Through extensive DT simulations encompassing a spectrum of fault scenarios, the trained ML models exhibited exceptional performance. Fault type classification achieved a flawless 100% accuracy rate, thereby showcasing the robustness of the approach in distinguishing the various fault types. Additionally, the predicted fault locations demonstrated remarkable proximity, whereby they deviated by less than 0.06 km from the actual fault location in 99% of the tested cases. This remarkable precision substantially reduced the area requiring investigation, thus enabling targeted dispatches of maintenance teams and minimising customer disruptions.

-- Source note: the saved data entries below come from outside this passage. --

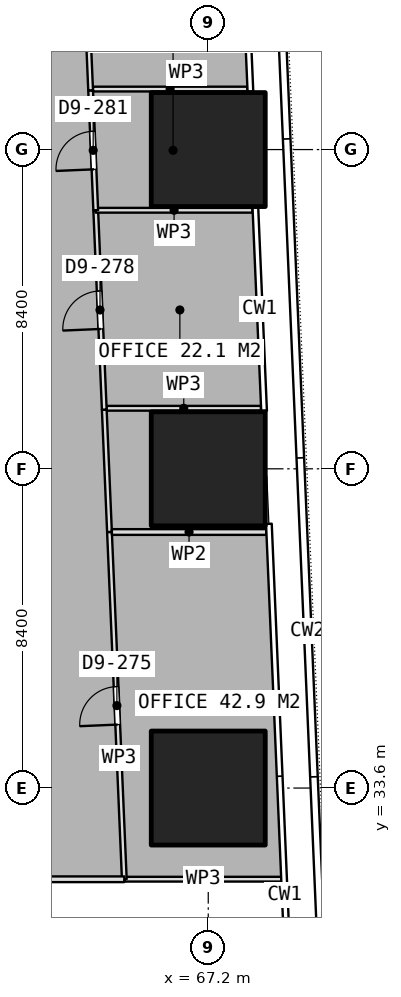
"""IFC4 building model, lengths in metres.
Left out: names, types, materials, properties, quantities, classifications, styles, units other than length and angle.
Written with IfcOpenShell. Run it as: python <this file> out.ifc"""

import sys

from ifc_helpers import new_model, si_unit, direction, frame, frame_2d, origin, origin_2d, place, context, subcontext, project, spatial, rectangle, extrude, element, fill, save


model = new_model("IFC4")
c1 = context("Model", 3, precision=1e-05, world=origin(), true_north=direction((0.0, 1.0)))
c2 = subcontext(c1, "Body", "Model", "MODEL_VIEW")
j1 = project(units=[si_unit("LENGTHUNIT", "METRE"), si_unit("PLANEANGLEUNIT", "RADIAN")], contexts=[c1])
p1 = place(None, origin())
s1 = spatial("IfcSite", under=j1, at=p1, CompositionType="ELEMENT")
p2 = place(p1, origin())
s2 = spatial("IfcBuilding", under=s1, at=p2, CompositionType="ELEMENT")
p3 = place(p2, frame((0.0, 0.0, 77.9)))
s3 = spatial("IfcBuildingStorey", under=s2, at=p3, CompositionType="ELEMENT", Elevation=77.9)
for number, where, z_axis, x_axis in (
    (1, (67.2, 33.6, 0.0), (0.0, 0.0, 1.0), (1.0, 0.0, 0.0)),
    (2, (67.2, 42.0, 0.0), (0.0, 0.0, 1.0), (1.0, 0.0, 0.0)),
    (3, (67.2, 50.4, 0.0), (0.0, 0.0, 1.0), (1.0, 0.0, 0.0)),
):
    element("IfcColumn", number, at=place(p3, frame(where, z_axis=z_axis, x_axis=x_axis)), inside=s3, PredefinedType="COLUMN", context=c2, shape_type="SweptSolid", body=[
        extrude(rectangle(XDim=3.0, YDim=3.0, at=origin_2d()), origin(), (0.0, 0.0, 1.0), 3.75),
    ])
p4 = place(p3, frame((64.525, 43.593, 0.0), z_axis=(0.0, 0.0, 1.0), x_axis=(1.0, 0.0, 0.0)))
e4 = element("IfcWall", 4, at=p4, inside=s3, PredefinedType="PARTITIONING", context=c2, shape_type="SweptSolid", body=[
    extrude(rectangle(XDim=4.061, YDim=0.125, at=frame_2d((2.031, 0.0))), origin(), (0.0, 0.0, 1.0), 3.5),
])
p5 = place(p3, frame((69.145, 31.202, 0.0), z_axis=(0.0, 0.0, 1.0), x_axis=(-1.0, 0.0, 0.0)))
e5 = element("IfcWall", 5, at=p5, inside=s3, PredefinedType="PARTITIONING", context=c2, shape_type="SweptSolid", body=[
    extrude(rectangle(XDim=4.154, YDim=0.125, at=frame_2d((2.077, 0.0))), origin(), (0.0, 0.0, 1.0), 3.5),
])
p6 = place(p3, frame((64.991, 31.202, 0.0), z_axis=(0.0, 0.0, 1.0), x_axis=(-0.042637761781, 0.999090597128, 0.0)))
e6 = element("IfcWall", 6, at=p6, inside=s3, PredefinedType="PARTITIONING", context=c2, shape_type="SweptSolid", body=[
    extrude(rectangle(XDim=9.144, YDim=0.125, at=frame_2d((4.572, 0.0))), origin(), (0.0, 0.0, 1.0), 3.5),
])
p7 = place(p6, frame((4.072, 0.0, 0.0)))
e7 = element("IfcOpeningElement", 7, at=p7, cuts=e6, PredefinedType="OPENING", context=c2, shape_type="SweptSolid", body=[
    extrude(rectangle(XDim=1.0, YDim=2.1, at=frame_2d((0.5, 1.05))), frame((0.0, 0.073, 0.0), z_axis=(0.0, -1.0, 0.0), x_axis=(1.0, 0.0, 0.0)), (0.0, 0.0, 1.0), 0.145),
])
p8 = place(p3, frame((64.601, 40.338, 0.0), z_axis=(0.0, 0.0, 1.0), x_axis=(-0.042522765682, 0.999095498138, 0.0)))
e8 = element("IfcWall", 8, at=p8, inside=s3, PredefinedType="PARTITIONING", context=c2, shape_type="SweptSolid", body=[
    extrude(rectangle(XDim=3.221, YDim=0.125, at=frame_2d((1.61, 0.0))), origin(), (0.0, 0.0, 1.0), 3.5),
])
p9 = place(p3, frame((64.464, 43.557, 0.0), z_axis=(0.0, 0.0, 1.0), x_axis=(-0.042868225882, 0.999080735081, 0.0)))
e9 = element("IfcWall", 9, at=p9, inside=s3, PredefinedType="PARTITIONING", context=c2, shape_type="SweptSolid", body=[
    extrude(rectangle(XDim=5.251, YDim=0.125, at=frame_2d((2.625, 0.0))), origin(), (0.0, 0.0, 1.0), 3.5),
])
p10 = place(p9, frame((2.125, 0.0, 0.0)))
e10 = element("IfcOpeningElement", 10, at=p10, cuts=e9, PredefinedType="OPENING", context=c2, shape_type="SweptSolid", body=[
    extrude(rectangle(XDim=1.0, YDim=2.1, at=frame_2d((0.5, 1.05))), frame((0.0, 0.073, 0.0), z_axis=(0.0, -1.0, 0.0), x_axis=(1.0, 0.0, 0.0)), (0.0, 0.0, 1.0), 0.145),
])
p11 = place(p3, frame((64.239, 48.803, 0.0), z_axis=(0.0, 0.0, 1.0), x_axis=(1.0, 0.0, 0.0)))
e11 = element("IfcWall", 11, at=p11, inside=s3, PredefinedType="PARTITIONING", context=c2, shape_type="SweptSolid", body=[
    extrude(rectangle(XDim=4.124, YDim=0.125, at=frame_2d((2.062, 0.0))), origin(), (0.0, 0.0, 1.0), 3.5),
])
p12 = place(p3, frame((64.239, 48.804, 0.0), z_axis=(0.0, 0.0, 1.0), x_axis=(-0.042483490494, 0.999097168966, 0.0)))
e12 = element("IfcWall", 12, at=p12, inside=s3, PredefinedType="PARTITIONING", context=c2, shape_type="SweptSolid", body=[
    extrude(rectangle(XDim=3.155, YDim=0.125, at=frame_2d((1.578, 0.0))), origin(), (0.0, 0.0, 1.0), 3.5),
])
p13 = place(p12, frame((1.077, 0.0, 0.0)))
e13 = element("IfcOpeningElement", 13, at=p13, cuts=e12, PredefinedType="OPENING", context=c2, shape_type="SweptSolid", body=[
    extrude(rectangle(XDim=1.0, YDim=2.1, at=frame_2d((0.5, 1.05))), frame((0.0, 0.073, 0.0), z_axis=(0.0, -1.0, 0.0), x_axis=(1.0, 0.0, 0.0)), (0.0, 0.0, 1.0), 0.145),
])
p14 = place(p3, frame((64.166, 51.992, 0.0), z_axis=(0.0, 0.0, 1.0), x_axis=(1.0, 0.0, 0.0)))
e14 = element("IfcWall", 14, at=p14, inside=s3, PredefinedType="PARTITIONING", context=c2, shape_type="SweptSolid", body=[
    extrude(rectangle(XDim=4.061, YDim=0.125, at=frame_2d((2.031, 0.0))), origin(), (0.0, 0.0, 1.0), 3.5),
])
p15 = place(p3, frame((64.105, 51.957, 0.0), z_axis=(0.0, 0.0, 1.0), x_axis=(-0.042654443866, 0.999089885055, 0.0)))
e15 = element("IfcWall", 15, at=p15, inside=s3, PredefinedType="PARTITIONING", context=c2, shape_type="SweptSolid", body=[
    extrude(rectangle(XDim=4.453, YDim=0.125, at=frame_2d((2.227, 0.0))), origin(), (0.0, 0.0, 1.0), 3.5),
])
p16 = place(p3, frame((64.664, 40.337, 0.0), z_axis=(0.0, 0.0, 1.0), x_axis=(1.0, 0.0, 0.0)))
e16 = element("IfcWall", 16, at=p16, inside=s3, PredefinedType="PARTITIONING", context=c2, shape_type="SweptSolid", body=[
    extrude(rectangle(XDim=4.061, YDim=0.15, at=frame_2d((2.031, 0.0))), origin(), (0.0, 0.0, 1.0), 3.5),
])
p17 = place(p3, frame((64.991, 31.2, 0.0), z_axis=(0.0, 0.0, 1.0), x_axis=(-1.0, 0.0, 0.0)))
e17 = element("IfcWall", 17, at=p17, inside=s3, PredefinedType="PARTITIONING", context=c2, shape_type="SweptSolid", body=[
    extrude(rectangle(XDim=11.591, YDim=0.15, at=frame_2d((5.795, 0.0))), origin(), (0.0, 0.0, 1.0), 3.5),
])
p18 = place(p7, origin())
e18 = element("IfcDoor", 18, at=p18, inside=s3, OperationType="SINGLE_SWING_LEFT", PredefinedType="DOOR", context=c2, shape_type="SweptSolid", body=[
    extrude(rectangle(XDim=1.0, YDim=2.1, at=frame_2d((0.5, 1.05))), frame((0.0, 0.025, 0.0), z_axis=(0.0, -1.0, 0.0), x_axis=(1.0, 0.0, 0.0)), (0.0, 0.0, 1.0), 0.05),
])
fill(e7, e18)
p19 = place(p10, origin())
e19 = element("IfcDoor", 19, at=p19, inside=s3, OperationType="SINGLE_SWING_LEFT", PredefinedType="DOOR", context=c2, shape_type="SweptSolid", body=[
    extrude(rectangle(XDim=1.0, YDim=2.1, at=frame_2d((0.5, 1.05))), frame((0.0, 0.025, 0.0), z_axis=(0.0, -1.0, 0.0), x_axis=(1.0, 0.0, 0.0)), (0.0, 0.0, 1.0), 0.05),
])
fill(e10, e19)
p20 = place(p13, origin())
e20 = element("IfcDoor", 20, at=p20, inside=s3, OperationType="SINGLE_SWING_LEFT", PredefinedType="DOOR", context=c2, shape_type="SweptSolid", body=[
    extrude(rectangle(XDim=1.0, YDim=2.1, at=frame_2d((0.5, 1.05))), frame((0.0, 0.025, 0.0), z_axis=(0.0, -1.0, 0.0), x_axis=(1.0, 0.0, 0.0)), (0.0, 0.0, 1.0), 0.05),
])
fill(e13, e20)
save(model, sys.argv[1])

These results represent an advancement in the fault detection within DN. The integration of the CSC estimation stage from the SM voltages signifies the value of building a DNDT for attaining additional information, as well as for obtaining insights from raw SM voltage-based DT simulations. In light of the analysis highlighting the crucial role of accelerating the SM roll-out program, it becomes evident that expediting these efforts is essential for maximising additional benefits and enhancing the efficiency of applications, particularly in areas such as fault localisation.
In summary, the proposed methodology equips DNOs with a SM data-informed fault detection, whereby there is high confidence in specifying the fault type and in providing precise geographic areas for investigation.
The DNDT research opens up new avenues for optimising the operation of active distribution networks. Having a DT in the network empowers broader operational capabilities within diverse distribution network contexts, thus ultimately contributing to enhanced reliability and resilience. Future investigations may focus on testing the methodology with different feeders of diverse network configurations and operational environments. Additionally, an extension of this work could involve pre-fault identification and locations that use a partial coverage of SM, or a high integration of embedded generation.